Gen Grachev also said the Russian 14th Army would remain in Moldova as a 'peace-keeping force', denying that the unit was involved in the conflict on the side of the Russian minority. In a further assertion of Russia's interests, he said the naval base of Kaliningrad 'is and will remain Russian' and revealed that Russia would deploy 'independent army corps able to repel attacks' there.

In a speech, 'Russia's defence policy', at the Royal United Services Institute in London, Gen Grachev said: 'We are deeply convinced that we will witness a revival of a great Russia which will take its place in the list of great nations.' He said the leaders of the Baltic region 'see the presence of our troops as the presence of occupying forces, with which we disagree'. But there would be no withdrawal so long as the troops had nowhere else to go.

'We have no intention of withdrawing our troops and leaving them in an open field.' Moreover, 'Russia has some strategic interests in the Baltic region' and before a withdrawal there must be a reorganisation of air defence in what he twice referred to as the 'Pskov and Leningrad area' - ignoring the post-Communist change of name to St Petersburg. When President Yeltsin said two weeks ago that Russian troops would withdraw by August 1993, he made no such pre-conditions.
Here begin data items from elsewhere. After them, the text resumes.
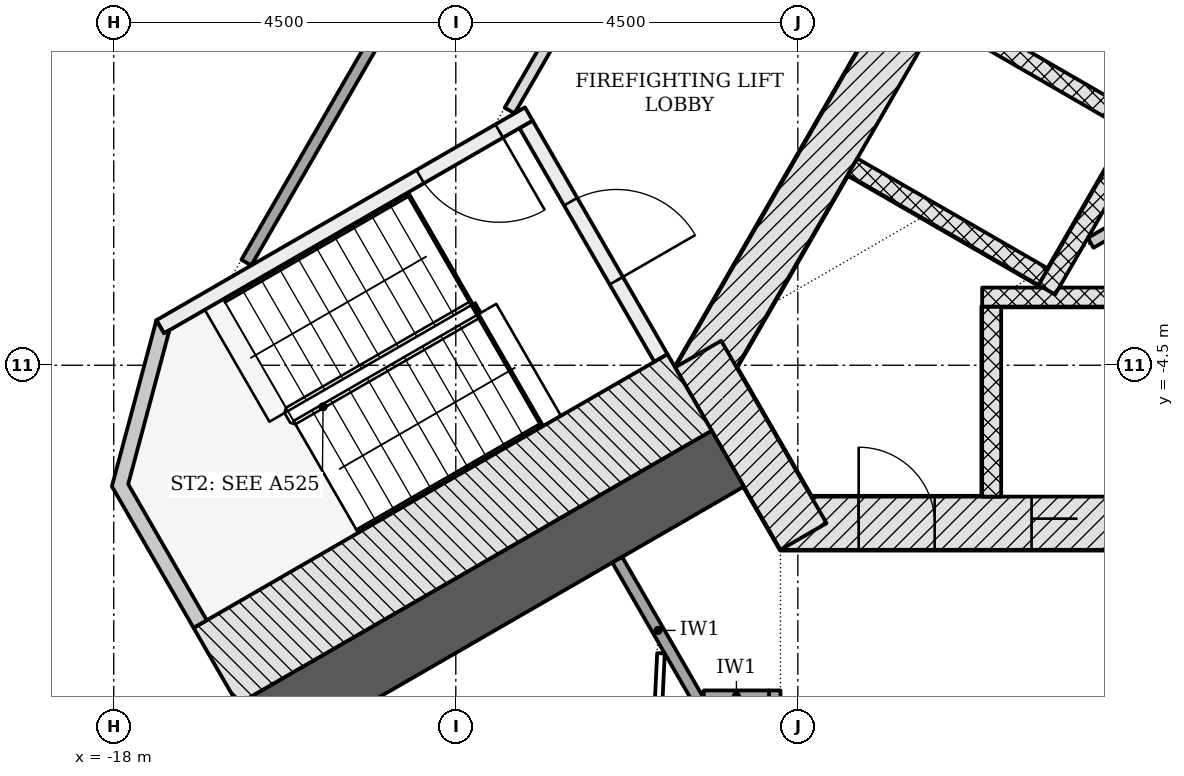
"""IFC4 building model, lengths in metres.
Left out: names, types, materials, properties, quantities, classifications, styles, units other than length and angle.
Written with IfcOpenShell. Run it as: python <this file> out.ifc"""

import sys

from ifc_helpers import new_model, si_unit, direction, frame, frame_2d, origin, place, context, subcontext, project, spatial, polyline, rectangle, outline, extrude, element, fill, save


model = new_model("IFC4")
c1 = context("Model", 3, precision=1e-05, world=origin(), true_north=direction((0.0, 1.0)))
c2 = subcontext(c1, "Body", "Model", "MODEL_VIEW")
j1 = project(units=[si_unit("LENGTHUNIT", "METRE"), si_unit("PLANEANGLEUNIT", "RADIAN")], contexts=[c1])
p1 = place(None, origin())
s1 = spatial("IfcSite", under=j1, at=p1, CompositionType="ELEMENT")
p2 = place(p1, origin())
s2 = spatial("IfcBuilding", under=s1, at=p2, CompositionType="ELEMENT")
p3 = place(p2, frame((0.0, 0.0, 72.6)))
s3 = spatial("IfcBuildingStorey", under=s2, at=p3, CompositionType="ELEMENT", Elevation=72.6)
p4 = place(p3, frame((-9.229, -6.578, -0.2), z_axis=(0.0, 0.0, 1.0), x_axis=(1.0, 0.0, 0.0)))
e1 = element("IfcWall", 1, at=p4, inside=s3, PredefinedType="SHEAR", context=c2, shape_type="SweptSolid", body=[
    extrude(rectangle(XDim=18.458, YDim=0.7, at=frame_2d((9.229, 0.0))), origin(), (0.0, 0.0, 1.0), 3.6),
])
p5 = place(p4, frame((3.304, 0.0, 0.2)))
e2 = element("IfcOpeningElement", 2, at=p5, cuts=e1, PredefinedType="OPENING", context=c2, shape_type="SweptSolid", body=[
    extrude(rectangle(XDim=1.1, YDim=2.1, at=frame_2d((0.55, 1.05))), frame((0.0, 0.36, 0.0), z_axis=(0.0, -1.0, 0.0), x_axis=(1.0, 0.0, 0.0)), (0.0, 0.0, 1.0), 0.72),
])
p6 = place(p4, frame((5.454, 0.0, 0.2)))
e3 = element("IfcOpeningElement", 3, at=p6, cuts=e1, PredefinedType="OPENING", context=c2, shape_type="SweptSolid", body=[
    extrude(rectangle(XDim=1.1, YDim=2.1, at=frame_2d((0.55, 1.05))), frame((0.0, 0.36, 0.0), z_axis=(0.0, -1.0, 0.0), x_axis=(1.0, 0.0, 0.0)), (0.0, 0.0, 1.0), 0.72),
])
p7 = place(p4, frame((7.604, 0.0, 0.2)))
e4 = element("IfcOpeningElement", 4, at=p7, cuts=e1, PredefinedType="OPENING", context=c2, shape_type="SweptSolid", body=[
    extrude(rectangle(XDim=1.1, YDim=2.1, at=frame_2d((0.55, 1.05))), frame((0.0, 0.36, 0.0), z_axis=(0.0, -1.0, 0.0), x_axis=(1.0, 0.0, 0.0)), (0.0, 0.0, 1.0), 0.72),
])
p8 = place(p4, frame((9.754, 0.0, 0.2)))
e5 = element("IfcOpeningElement", 5, at=p8, cuts=e1, PredefinedType="OPENING", context=c2, shape_type="SweptSolid", body=[
    extrude(rectangle(XDim=1.1, YDim=2.1, at=frame_2d((0.55, 1.05))), frame((0.0, 0.36, 0.0), z_axis=(0.0, -1.0, 0.0), x_axis=(1.0, 0.0, 0.0)), (0.0, 0.0, 1.0), 0.72),
])
p9 = place(p4, frame((11.904, 0.0, 0.2)))
e6 = element("IfcOpeningElement", 6, at=p9, cuts=e1, PredefinedType="OPENING", context=c2, shape_type="SweptSolid", body=[
    extrude(rectangle(XDim=1.1, YDim=2.1, at=frame_2d((0.55, 1.05))), frame((0.0, 0.36, 0.0), z_axis=(0.0, -1.0, 0.0), x_axis=(1.0, 0.0, 0.0)), (0.0, 0.0, 1.0), 0.72),
])
p10 = place(p4, frame((14.054, 0.0, 0.2)))
e7 = element("IfcOpeningElement", 7, at=p10, cuts=e1, PredefinedType="OPENING", context=c2, shape_type="SweptSolid", body=[
    extrude(rectangle(XDim=1.1, YDim=2.1, at=frame_2d((0.55, 1.05))), frame((0.0, 0.36, 0.0), z_axis=(0.0, -1.0, 0.0), x_axis=(1.0, 0.0, 0.0)), (0.0, 0.0, 1.0), 0.72),
])
p11 = place(p4, frame((1.029, 0.0, 0.2)))
e8 = element("IfcOpeningElement", 8, at=p11, cuts=e1, PredefinedType="OPENING", context=c2, shape_type="SweptSolid", body=[
    extrude(rectangle(XDim=1.0, YDim=2.1, at=frame_2d((0.5, 1.05))), frame((0.0, 0.36, 0.0), z_axis=(0.0, -1.0, 0.0), x_axis=(1.0, 0.0, 0.0)), (0.0, 0.0, 1.0), 0.72),
])
p12 = place(p3, frame((-1.083, 11.281, -0.2), z_axis=(0.0, 0.0, 1.0), x_axis=(-0.500001446645, -0.866024568562, 0.0)))
e9 = element("IfcWall", 9, at=p12, inside=s3, PredefinedType="SHEAR", context=c2, shape_type="SweptSolid", body=[
    extrude(rectangle(XDim=18.458, YDim=0.7, at=frame_2d((9.229, 0.0))), origin(), (0.0, 0.0, 1.0), 3.6),
])
p13 = place(p12, frame((8.979, 0.0, 0.2)))
e10 = element("IfcOpeningElement", 10, at=p13, cuts=e9, PredefinedType="OPENING", context=c2, shape_type="SweptSolid", body=[
    extrude(rectangle(XDim=1.2, YDim=2.1, at=frame_2d((0.6, 1.05))), frame((0.0, 0.36, 0.0), z_axis=(0.0, -1.0, 0.0), x_axis=(1.0, 0.0, 0.0)), (0.0, 0.0, 1.0), 0.72),
])
p14 = place(p12, frame((11.029, 0.0, 0.2)))
e11 = element("IfcOpeningElement", 11, at=p14, cuts=e9, PredefinedType="OPENING", context=c2, shape_type="SweptSolid", body=[
    extrude(rectangle(XDim=1.2, YDim=2.1, at=frame_2d((0.6, 1.05))), frame((0.0, 0.36, 0.0), z_axis=(0.0, -1.0, 0.0), x_axis=(1.0, 0.0, 0.0)), (0.0, 0.0, 1.0), 0.72),
])
p15 = place(p3, frame((-10.311, -4.353, -0.2), z_axis=(0.0, 0.0, 1.0), x_axis=(0.500042739161, -0.866000726912, 0.0)))
e12 = element("IfcWall", 12, at=p15, inside=s3, PredefinedType="SHEAR", context=c2, shape_type="SweptSolid", body=[
    extrude(rectangle(XDim=2.771, YDim=0.7, at=frame_2d((1.386, 0.0))), origin(), (0.0, 0.0, 1.0), 3.6),
])
p16 = place(p3, frame((-9.922, -5.728, -0.2), z_axis=(0.0, 0.0, 1.0), x_axis=(-0.866026077102, -0.499998833779, 0.0)))
e13 = element("IfcWall", 13, at=p16, inside=s3, PredefinedType="SHEAR", context=c2, shape_type="SweptSolid", body=[
    extrude(rectangle(XDim=13.381, YDim=0.85, at=frame_2d((6.691, 0.0))), origin(), (0.0, 0.0, 1.0), 3.6),
])
p17 = place(p3, frame((-6.45, -6.228, -0.2), z_axis=(0.0, 0.0, 1.0), x_axis=(0.0, 1.0, 0.0)))
e14 = element("IfcWall", 14, at=p17, inside=s3, PredefinedType="PARTITIONING", context=c2, shape_type="SweptSolid", body=[
    extrude(rectangle(XDim=2.5, YDim=0.25, at=frame_2d((1.25, 0.0))), origin(), (0.0, 0.0, 1.0), 3.6),
])
p18 = place(p3, frame((-6.575, -3.603, 0.0), z_axis=(0.0, 0.0, 1.0), x_axis=(1.0, 0.0, 0.0)))
e15 = element("IfcWall", 15, at=p18, inside=s3, PredefinedType="PARTITIONING", context=c2, shape_type="SweptSolid", body=[
    extrude(rectangle(XDim=13.15, YDim=0.25, at=frame_2d((6.575, 0.0))), origin(), (0.0, 0.0, 1.0), 3.4),
])
for number, where, z_axis, x_axis in (
    (16, (-7.106, 0.148, -0.2), (0.0, 0.0, 1.0), (0.866, -0.5, 0.0)),
    (17, (-8.281, -1.887, -0.2), (0.0, 0.0, 1.0), (0.866, -0.5, 0.0)),
):
    element("IfcWall", number, at=place(p3, frame(where, z_axis=z_axis, x_axis=x_axis)), inside=s3, PredefinedType="PARTITIONING", context=c2, shape_type="SweptSolid", body=[
        extrude(rectangle(XDim=2.9, YDim=0.25, at=frame_2d((1.45, 0.0))), origin(), (0.0, 0.0, 1.0), 3.6),
    ])
p19 = place(p3, frame((0.176, 6.711, 0.0), z_axis=(0.0, 0.0, 1.0), x_axis=(-0.500004227369, -0.866022963098, 0.0)))
e18 = element("IfcWall", 18, at=p19, inside=s3, PredefinedType="PARTITIONING", context=c2, shape_type="SweptSolid", body=[
    extrude(rectangle(XDim=11.8, YDim=0.25, at=frame_2d((5.9, 0.0))), origin(), (0.0, 0.0, 1.0), 3.4),
])
p20 = place(p3, frame((-5.148, -2.89, 0.0), z_axis=(0.0, 0.0, 1.0), x_axis=(0.866030081544, 0.499991897794, 0.0)))
e19 = element("IfcWall", 19, at=p20, inside=s3, PredefinedType="PARTITIONING", context=c2, shape_type="SweptSolid", body=[
    extrude(rectangle(XDim=12.131, YDim=0.15, at=frame_2d((6.065, 0.0))), origin(), (0.0, 0.0, 1.0), 3.4),
])
p21 = place(p20, frame((5.831, 0.0, 0.0)))
e20 = element("IfcOpeningElement", 20, at=p21, cuts=e19, PredefinedType="OPENING", context=c2, shape_type="SweptSolid", body=[
    extrude(rectangle(XDim=0.9, YDim=2.1, at=frame_2d((0.45, 1.05))), frame((0.0, 0.085, 0.0), z_axis=(0.0, -1.0, 0.0), x_axis=(1.0, 0.0, 0.0)), (0.0, 0.0, 1.0), 0.17),
])
p22 = place(p20, frame((1.467, 0.0, 0.0)))
e21 = element("IfcOpeningElement", 21, at=p22, cuts=e19, PredefinedType="OPENING", context=c2, shape_type="SweptSolid", body=[
    extrude(rectangle(XDim=0.9, YDim=2.1, at=frame_2d((0.45, 1.05))), frame((0.0, 0.085, 0.0), z_axis=(0.0, -1.0, 0.0), x_axis=(1.0, 0.0, 0.0)), (0.0, 0.0, 1.0), 0.17),
])
p23 = place(p3, frame((-12.576, -1.331, -0.2), z_axis=(0.0, 0.0, 1.0), x_axis=(0.499970499736, -0.8660424351, 0.0)))
e22 = element("IfcWall", 22, at=p23, inside=s3, PredefinedType="SHEAR", context=c2, shape_type="SweptSolid", body=[
    extrude(rectangle(XDim=3.55, YDim=0.2, at=frame_2d((1.775, 0.0))), origin(), (0.0, 0.0, 1.0), 3.6),
])
p24 = place(p23, frame((1.175, 0.0, 0.2)))
e23 = element("IfcOpeningElement", 23, at=p24, cuts=e22, PredefinedType="OPENING", context=c2, shape_type="SweptSolid", body=[
    extrude(rectangle(XDim=1.2, YDim=2.1, at=frame_2d((0.6, 1.05))), frame((0.0, 0.11, 0.0), z_axis=(0.0, -1.0, 0.0), x_axis=(1.0, 0.0, 0.0)), (0.0, 0.0, 1.0), 0.22),
])
p25 = place(p3, frame((-12.539, -1.194, -0.2), z_axis=(0.0, 0.0, 1.0), x_axis=(-0.866045472092, -0.499965239061, 0.0)))
e24 = element("IfcWall", 24, at=p25, inside=s3, PredefinedType="SHEAR", context=c2, shape_type="SweptSolid", body=[
    extrude(rectangle(XDim=5.6, YDim=0.2, at=frame_2d((2.8, 0.0))), origin(), (0.0, 0.0, 1.0), 3.6),
])
p26 = place(p25, frame((0.45, 0.0, 0.2)))
e25 = element("IfcOpeningElement", 25, at=p26, cuts=e24, PredefinedType="OPENING", context=c2, shape_type="SweptSolid", body=[
    extrude(rectangle(XDim=1.2, YDim=2.1, at=frame_2d((0.6, 1.05))), frame((0.0, 0.11, 0.0), z_axis=(0.0, -1.0, 0.0), x_axis=(1.0, 0.0, 0.0)), (0.0, 0.0, 1.0), 0.22),
])
p27 = place(p3, frame((-10.424, -4.858, -0.2), z_axis=(0.0, 0.0, 1.0), x_axis=(-0.866033125095, -0.499986626058, 0.0)))
e26 = element("IfcWall", 26, at=p27, inside=s3, PredefinedType="SHEAR", context=c2, shape_type="SweptSolid", body=[
    extrude(rectangle(XDim=7.2, YDim=1.161, at=frame_2d((3.6, 0.0))), origin(), (0.0, 0.0, 1.0), 3.6),
])
p28 = place(p3, frame((0.0, 0.0, -0.2)))
e27 = element("IfcWall", 27, at=p28, inside=s3, PredefinedType="SHEAR", context=c2, shape_type="SweptSolid", body=[
    extrude(outline(polyline([(-17.439, -3.907), (-18.025, -6.093), (-16.95, -7.955), (-16.777, -7.855), (-17.81, -6.065), (-17.267, -4.039), (-17.339, -4.081), (-17.339, -4.081), (-17.339, -4.081), (-17.339, -4.081), (-17.339, -4.081), (-17.339, -4.081), (-17.339, -4.081), (-17.339, -4.081), (-17.339, -4.081), (-17.339, -4.081), (-17.339, -4.081), (-17.339, -4.081), (-17.339, -4.081), (-17.339, -4.081), (-17.339, -4.081), (-17.339, -4.081), (-17.339, -4.081), (-17.439, -3.907)])), origin(), (0.0, 0.0, 1.0), 3.6),
])
p29 = place(p3, frame((-16.256, -3.149, 0.0), z_axis=(0.0, 0.0, 1.0), x_axis=(0.499999683919, 0.866025586274, 0.0)))
e28 = element("IfcWall", 28, at=p29, inside=s3, PredefinedType="PARTITIONING", context=c2, shape_type="SweptSolid", body=[
    extrude(rectangle(XDim=22.234, YDim=0.15, at=frame_2d((11.117, 0.0))), origin(), (0.0, 0.0, 1.0), 2.778),
])
p30 = place(p29, frame((13.551, 0.0, 0.0)))
e29 = element("IfcOpeningElement", 29, at=p30, cuts=e28, PredefinedType="OPENING", context=c2, shape_type="SweptSolid", body=[
    extrude(rectangle(XDim=1.0, YDim=2.1, at=frame_2d((0.5, 1.05))), frame((0.0, 0.085, 0.0), z_axis=(0.0, -1.0, 0.0), x_axis=(1.0, 0.0, 0.0)), (0.0, 0.0, 1.0), 0.17),
])
p31 = place(p29, frame((5.647, 0.0, 0.0)))
e30 = element("IfcOpeningElement", 30, at=p31, cuts=e28, PredefinedType="OPENING", context=c2, shape_type="SweptSolid", body=[
    extrude(rectangle(XDim=1.5, YDim=2.1, at=frame_2d((0.75, 1.05))), frame((0.0, 0.085, 0.0), z_axis=(0.0, -1.0, 0.0), x_axis=(1.0, 0.0, 0.0)), (0.0, 0.0, 1.0), 0.17),
])
p32 = place(p3, frame((-4.407, 13.374, 0.0), z_axis=(0.0, 0.0, 1.0), x_axis=(-0.499997181693, -0.866027030928, 0.0)))
e31 = element("IfcWall", 31, at=p32, inside=s3, PredefinedType="PARTITIONING", context=c2, shape_type="SweptSolid", body=[
    extrude(rectangle(XDim=16.77, YDim=0.15, at=frame_2d((8.385, 0.0))), origin(), (0.0, 0.0, 1.0), 2.778),
])
p33 = place(p32, frame((8.879, 0.0, 0.0)))
e32 = element("IfcOpeningElement", 32, at=p33, cuts=e31, PredefinedType="OPENING", context=c2, shape_type="SweptSolid", body=[
    extrude(rectangle(XDim=1.0, YDim=2.1, at=frame_2d((0.5, 1.05))), frame((0.0, 0.085, 0.0), z_axis=(0.0, -1.0, 0.0), x_axis=(1.0, 0.0, 0.0)), (0.0, 0.0, 1.0), 0.17),
])
p34 = place(p3, frame((-11.376, -7.059, 0.0), z_axis=(0.0, 0.0, 1.0), x_axis=(0.500076779081, -0.865981070823, 0.0)))
e33 = element("IfcWall", 33, at=p34, inside=s3, PredefinedType="PARTITIONING", context=c2, shape_type="SweptSolid", body=[
    extrude(rectangle(XDim=2.147, YDim=0.15, at=frame_2d((1.074, 0.0))), origin(), (0.0, 0.0, 1.0), 2.778),
])
p35 = place(p3, frame((-9.304, -10.428, 0.0), z_axis=(0.0, 0.0, 1.0), x_axis=(0.0, 1.0, 0.0)))
e34 = element("IfcWall", 34, at=p35, inside=s3, PredefinedType="PARTITIONING", context=c2, shape_type="SweptSolid", body=[
    extrude(rectangle(XDim=1.65, YDim=0.15, at=frame_2d((0.825, 0.0))), origin(), (0.0, 0.0, 1.0), 3.4),
])
p36 = place(p3, frame((-10.238, -8.853, 0.0), z_axis=(0.0, 0.0, 1.0), x_axis=(1.0, 0.0, 0.0)))
e35 = element("IfcWall", 35, at=p36, inside=s3, PredefinedType="PARTITIONING", context=c2, shape_type="SweptSolid", body=[
    extrude(rectangle(XDim=0.859, YDim=0.15, at=frame_2d((0.43, 0.0))), origin(), (0.0, 0.0, 1.0), 3.4),
])
p37 = place(p3, frame((-11.207, -16.709, 0.0), z_axis=(0.0, 0.0, 1.0), x_axis=(0.048196786961, 0.998837859578, 0.0)))
e36 = element("IfcWall", 36, at=p37, inside=s3, PredefinedType="PARTITIONING", context=c2, shape_type="SweptSolid", body=[
    extrude(rectangle(XDim=8.429, YDim=0.1, at=frame_2d((4.214, 0.0))), origin(), (0.0, 0.0, 1.0), 2.778),
])
p38 = place(p37, frame((5.868, 0.0, 0.0)))
e37 = element("IfcOpeningElement", 37, at=p38, cuts=e36, PredefinedType="OPENING", context=c2, shape_type="SweptSolid", body=[
    extrude(rectangle(XDim=1.0, YDim=2.1, at=frame_2d((0.5, 1.05))), frame((0.0, 0.06, 0.0), z_axis=(0.0, -1.0, 0.0), x_axis=(1.0, 0.0, 0.0)), (0.0, 0.0, 1.0), 0.12),
])
p39 = place(p37, frame((1.635, 0.0, 0.0)))
e38 = element("IfcOpeningElement", 38, at=p39, cuts=e36, PredefinedType="OPENING", context=c2, shape_type="SweptSolid", body=[
    extrude(rectangle(XDim=1.0, YDim=2.1, at=frame_2d((0.5, 1.05))), frame((0.0, 0.06, 0.0), z_axis=(0.0, -1.0, 0.0), x_axis=(1.0, 0.0, 0.0)), (0.0, 0.0, 1.0), 0.12),
])
p40 = place(p5, origin())
e39 = element("IfcDoor", 39, at=p40, inside=s3, OperationType="DOUBLE_DOOR_SLIDING", PredefinedType="DOOR", context=c2, shape_type="SweptSolid", body=[
    extrude(rectangle(XDim=1.1, YDim=2.1, at=frame_2d((0.55, 1.05))), frame((0.0, 0.025, 0.0), z_axis=(0.0, -1.0, 0.0), x_axis=(1.0, 0.0, 0.0)), (0.0, 0.0, 1.0), 0.05),
])
fill(e2, e39)
p41 = place(p11, origin())
e40 = element("IfcDoor", 40, at=p41, inside=s3, OperationType="SINGLE_SWING_LEFT", PredefinedType="DOOR", context=c2, shape_type="SweptSolid", body=[
    extrude(rectangle(XDim=1.0, YDim=2.1, at=frame_2d((0.5, 1.05))), frame((0.0, 0.075, 0.0), z_axis=(0.0, -1.0, 0.0), x_axis=(1.0, 0.0, 0.0)), (0.0, 0.0, 1.0), 0.15),
])
fill(e8, e40)
p42 = place(p24, origin())
e41 = element("IfcDoor", 41, at=p42, inside=s3, OperationType="SINGLE_SWING_RIGHT", PredefinedType="DOOR", context=c2, shape_type="SweptSolid", body=[
    extrude(rectangle(XDim=1.2, YDim=2.1, at=frame_2d((0.6, 1.05))), frame((0.0, 0.025, 0.0), z_axis=(0.0, -1.0, 0.0), x_axis=(1.0, 0.0, 0.0)), (0.0, 0.0, 1.0), 0.05),
])
fill(e23, e41)
p43 = place(p26, origin())
e42 = element("IfcDoor", 42, at=p43, inside=s3, OperationType="SINGLE_SWING_LEFT", PredefinedType="DOOR", context=c2, shape_type="SweptSolid", body=[
    extrude(rectangle(XDim=1.2, YDim=2.1, at=frame_2d((0.6, 1.05))), frame((0.0, 0.025, 0.0), z_axis=(0.0, -1.0, 0.0), x_axis=(1.0, 0.0, 0.0)), (0.0, 0.0, 1.0), 0.05),
])
fill(e25, e42)
save(model, sys.argv[1])

Asked if there would not be a problem in having the 14th Army act as 'peace-keepers' in Moldova since they are widely held to be involved in the conflict on the side of the Dnestr secessionists - a quarter of the secessionists are Russians - the general said: 'I keep asking our own press, 'show me the commander who is issuing these orders'.' He said 40 per cent of the 14th Army originated from the Dnestr area, and 'as a result some servicemen have deserted and joined the Transdniestrians, and had arms and equipment with them'. These arms were impossible to retrieve, he said, 'because women and children lie down in front of the army's tanks disabling the recapturing of weapons. They would have to fire at those women and children and no commander, including me, could issue such an order.' Gen Grachev said Russian troops would also remain as 'peace-keepers' in Nagorny Karabakh and in the Georgia-South Ossetia conflict.

MOSCOW - Alexander Rutskoi, the Russian Vice-President, yesterday condemned the mutiny of a Black Sea fleet ship, accusing Ukraine of treating the issue like a child's game, Reuter reports. He suggested Ukraine had acted irresponsibly at a time when the two countries were engaged in delicate talks over a share-out of the fleet. 'This is military equipment. This is not a toy,' he added.